De sujeito a objecto *

      Agora há câmaras em todo o lado.
     Os telemóveis modernos tornaram o acto de “apanhar imagens” uma coisa de todas as horas e de todas as circunstâncias.
     Mas, por mais fotografias que se façam, este carregar no botão, este guardar de luz, será sempre um instante especial. Esse instante é marcado pelo barulho da abertura do obturador (peça da “anatomia” das máquinas fotográficas mas também das armas de fogo).
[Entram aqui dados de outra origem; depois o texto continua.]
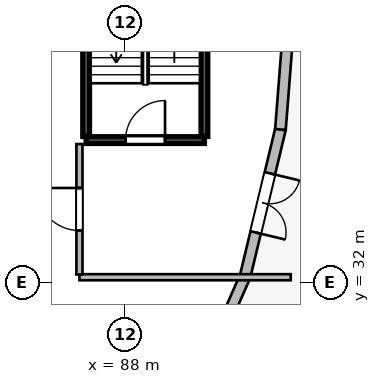
"""IFC4 building model, lengths in metres.
Left out: names, types, materials, properties, quantities, classifications, styles, units other than length and angle.
Written with IfcOpenShell. Run it as: python <this file> out.ifc"""

import sys

from ifc_helpers import new_model, si_unit, direction, frame, frame_2d, origin, origin_2d, place, context, subcontext, project, spatial, rectangle, extrude, source, transform, mapped, element, fill, save


model = new_model("IFC4")
c1 = context("Model", 3, precision=1e-05, world=origin(), true_north=direction((0.0, 1.0)))
c2 = subcontext(c1, "Body", "Model", "MODEL_VIEW")
j1 = project(units=[si_unit("LENGTHUNIT", "METRE"), si_unit("PLANEANGLEUNIT", "RADIAN")], contexts=[c1])
p1 = place(None, origin())
s1 = spatial("IfcSite", under=j1, at=p1, CompositionType="ELEMENT")
p2 = place(p1, origin())
s2 = spatial("IfcBuilding", under=s1, at=p2, CompositionType="ELEMENT")
p3 = place(p2, origin())
s3 = spatial("IfcBuildingStorey", under=s2, at=p3, CompositionType="ELEMENT", Elevation=0.0)
m1 = source(origin(), c2, "Body", "SweptSolid", [
    extrude(rectangle(XDim=2.0, YDim=2.0, at=origin_2d()), origin(), (0.0, 0.0, 1.0), 6.0),
])
p4 = place(p3, frame((85.14, 30.137, 0.0), z_axis=(0.0, 0.0, 1.0), x_axis=(0.923879532511, -0.382683432365, 0.0)))
e1 = element("IfcColumn", 1, at=p4, inside=s3, PredefinedType="COLUMN", context=c2, shape_type="MappedRepresentation", body=[
    mapped(m1, transform((0.0, 0.0, 0.0), scale=1.0)),
])
m2 = source(origin(), c2, "Body", "SweptSolid", [
    extrude(rectangle(XDim=4.756, YDim=0.35, at=frame_2d((2.378, 0.0))), origin(), (0.0, 0.0, 1.0), 5.7),
])
p5 = place(p3, frame((91.95, 32.208, 0.0), z_axis=(0.0, 0.0, 1.0), x_axis=(-0.402248274654, -0.915530625123, 0.0)))
e2 = element("IfcWall", 2, at=p5, inside=s3, PredefinedType="SOLIDWALL", context=c2, shape_type="MappedRepresentation", body=[
    mapped(m2, transform((0.0, 0.0, 0.0), scale=1.0)),
])
m3 = source(origin(), c2, "Body", "SweptSolid", [
    extrude(rectangle(XDim=4.969, YDim=0.35, at=frame_2d((2.484, 0.0))), origin(), (0.0, 0.0, 1.0), 5.7),
])
p6 = place(p3, frame((93.111, 37.04, 0.0), z_axis=(0.0, 0.0, 1.0), x_axis=(-0.233623809029, -0.972327062184, 0.0)))
e3 = element("IfcWall", 3, at=p6, inside=s3, PredefinedType="SOLIDWALL", context=c2, shape_type="MappedRepresentation", body=[
    mapped(m3, transform((0.0, 0.0, 0.0), scale=1.0)),
])
p7 = place(p6, frame((1.485, 0.0, 0.0)))
e4 = element("IfcOpeningElement", 4, at=p7, cuts=e3, PredefinedType="OPENING", context=c2, shape_type="SweptSolid", body=[
    extrude(rectangle(XDim=2.0, YDim=2.4, at=frame_2d((1.0, 1.2))), frame((0.0, 0.185, 0.0), z_axis=(0.0, -1.0, 0.0), x_axis=(1.0, 0.0, 0.0)), (0.0, 0.0, 1.0), 0.37),
])
m4 = source(origin(), c2, "Body", "SweptSolid", [
    extrude(rectangle(XDim=4.975, YDim=0.35, at=frame_2d((2.488, 0.0))), origin(), (0.0, 0.0, 1.0), 5.7),
])
p8 = place(p3, frame((93.5, 42.0, 0.0), z_axis=(0.0, 0.0, 1.0), x_axis=(-0.07826870534, -0.996932299489, 0.0)))
e5 = element("IfcWall", 5, at=p8, inside=s3, PredefinedType="SOLIDWALL", context=c2, shape_type="MappedRepresentation", body=[
    mapped(m4, transform((0.0, 0.0, 0.0), scale=1.0)),
])
m5 = source(origin(), c2, "Body", "SweptSolid", [
    extrude(rectangle(XDim=3.89, YDim=0.22, at=frame_2d((1.945, 0.0))), origin(), (0.0, 0.0, 1.0), 6.0),
])
p9 = place(p3, frame((86.72, 36.69, 0.0), z_axis=(0.0, 0.0, 1.0), x_axis=(1.0, 0.0, 0.0)))
e6 = element("IfcWall", 6, at=p9, inside=s3, PredefinedType="SOLIDWALL", context=c2, shape_type="MappedRepresentation", body=[
    mapped(m5, transform((0.0, 0.0, 0.0), scale=1.0)),
])
p10 = place(p9, frame((1.295, 0.0, 0.0)))
e7 = element("IfcOpeningElement", 7, at=p10, cuts=e6, PredefinedType="OPENING", context=c2, shape_type="SweptSolid", body=[
    extrude(rectangle(XDim=1.3, YDim=2.15, at=frame_2d((0.65, 1.075))), frame((0.0, 0.12, 0.0), z_axis=(0.0, -1.0, 0.0), x_axis=(1.0, 0.0, 0.0)), (0.0, 0.0, 1.0), 0.24),
])
m6 = source(origin(), c2, "Body", "SweptSolid", [
    extrude(rectangle(XDim=10.38, YDim=0.22, at=frame_2d((5.19, 0.0))), origin(), (0.0, 0.0, 1.0), 6.0),
])
for number, where, z_axis, x_axis in (
    (8, (86.72, 36.81, 0.0), (0.0, 0.0, 1.0), (0.0, 1.0, 0.0)),
    (9, (90.61, 36.81, 0.0), (0.0, 0.0, 1.0), (0.0, 1.0, 0.0)),
):
    element("IfcWall", number, at=place(p3, frame(where, z_axis=z_axis, x_axis=x_axis)), inside=s3, PredefinedType="SOLIDWALL", context=c2, shape_type="MappedRepresentation", body=[
        mapped(m6, transform((0.0, 0.0, 0.0), scale=1.0)),
    ])
m7 = source(origin(), c2, "Body", "SweptSolid", [
    extrude(rectangle(XDim=6.95, YDim=0.2, at=frame_2d((3.475, 0.0))), origin(), (0.0, 0.0, 1.0), 5.7),
])
p11 = place(p3, frame((86.5, 32.18, 0.0), z_axis=(0.0, 0.0, 1.0), x_axis=(1.0, 0.0, 0.0)))
e10 = element("IfcWall", 10, at=p11, inside=s3, PredefinedType="SOLIDWALL", context=c2, shape_type="MappedRepresentation", body=[
    mapped(m7, transform((0.0, 0.0, 0.0), scale=1.0)),
])
m8 = source(origin(), c2, "Body", "SweptSolid", [
    extrude(rectangle(XDim=4.29, YDim=0.2, at=frame_2d((2.145, 0.0))), origin(), (0.0, 0.0, 1.0), 5.7),
])
p12 = place(p3, frame((86.5, 32.27, 0.0), z_axis=(0.0, 0.0, 1.0), x_axis=(0.0, 1.0, 0.0)))
e11 = element("IfcWall", 11, at=p12, inside=s3, PredefinedType="SOLIDWALL", context=c2, shape_type="MappedRepresentation", body=[
    mapped(m8, transform((0.0, 0.0, 0.0), scale=1.0)),
])
p13 = place(p12, frame((1.445, 0.0, 0.0)))
e12 = element("IfcOpeningElement", 12, at=p13, cuts=e11, PredefinedType="OPENING", context=c2, shape_type="SweptSolid", body=[
    extrude(rectangle(XDim=1.4, YDim=2.15, at=frame_2d((0.7, 1.075))), frame((0.0, 0.11, 0.0), z_axis=(0.0, -1.0, 0.0), x_axis=(1.0, 0.0, 0.0)), (0.0, 0.0, 1.0), 0.22),
])
m9 = source(origin(), c2, "Body", "SweptSolid", [
    extrude(rectangle(XDim=2.0, YDim=2.4, at=frame_2d((1.0, 1.2))), frame((0.0, 0.025, 0.0), z_axis=(0.0, -1.0, 0.0), x_axis=(1.0, 0.0, 0.0)), (0.0, 0.0, 1.0), 0.05),
])
p14 = place(p7, origin())
e13 = element("IfcDoor", 13, at=p14, inside=s3, OperationType="DOUBLE_DOOR_SINGLE_SWING", PredefinedType="DOOR", context=c2, shape_type="MappedRepresentation", body=[
    mapped(m9, transform((0.0, 0.0, 0.0), scale=1.0)),
])
fill(e4, e13)
m10 = source(origin(), c2, "Body", "SweptSolid", [
    extrude(rectangle(XDim=1.3, YDim=2.15, at=frame_2d((0.65, 1.075))), frame((0.0, 0.025, 0.0), z_axis=(0.0, -1.0, 0.0), x_axis=(1.0, 0.0, 0.0)), (0.0, 0.0, 1.0), 0.05),
])
p15 = place(p10, origin())
e14 = element("IfcDoor", 14, at=p15, inside=s3, OperationType="SINGLE_SWING_RIGHT", PredefinedType="DOOR", context=c2, shape_type="MappedRepresentation", body=[
    mapped(m10, transform((0.0, 0.0, 0.0), scale=1.0)),
])
fill(e7, e14)
m11 = source(origin(), c2, "Body", "SweptSolid", [
    extrude(rectangle(XDim=1.4, YDim=2.15, at=frame_2d((0.7, 1.075))), frame((0.0, 0.025, 0.0), z_axis=(0.0, -1.0, 0.0), x_axis=(1.0, 0.0, 0.0)), (0.0, 0.0, 1.0), 0.05),
])
p16 = place(p13, origin())
e15 = element("IfcDoor", 15, at=p16, inside=s3, OperationType="SINGLE_SWING_RIGHT", PredefinedType="DOOR", context=c2, shape_type="MappedRepresentation", body=[
    mapped(m11, transform((0.0, 0.0, 0.0), scale=1.0)),
])
fill(e12, e15)
save(model, sys.argv[1])

É um “schlaaaaap!” que nos diz “já está!”.
     O meu telemóvel, quando tiro uma fotografia, faz um som alto que parece um disparo.**
Foto de José Alfredo
     Não era necessário que ele fizesse barulho algum, nestes tempos digitais, mas o fabricante quis que soasse como um tiro esse momento especial em que se capta uma imagem.
     Roland Barthes definiu assim, no seu livro “Câmara Clara”, essa fracção de segundo: “Ao nível imaginário, a Fotografia (...) representa esse momento deveras subtil em que, a bem dizer, não sou nem um sujeito nem um objecto, mas essencialmente um sujeito que sente que se transforma em objecto: vivo então uma micro-experiência da morte (...) torno-me verdadeiramente espectro.”
     Deste modo, eu — objecto fotografado — sou desvitalizado, sou guardado em ficheiro, sou colocado numa memória, desapossado do meu tempo, isto é, da minha verdade. 

* Parte de um texto publicado no Jornal do Centro em 13 de Maio de 2005 
** O que tenho agora já não faz  “schlaaaaap!” nenhum.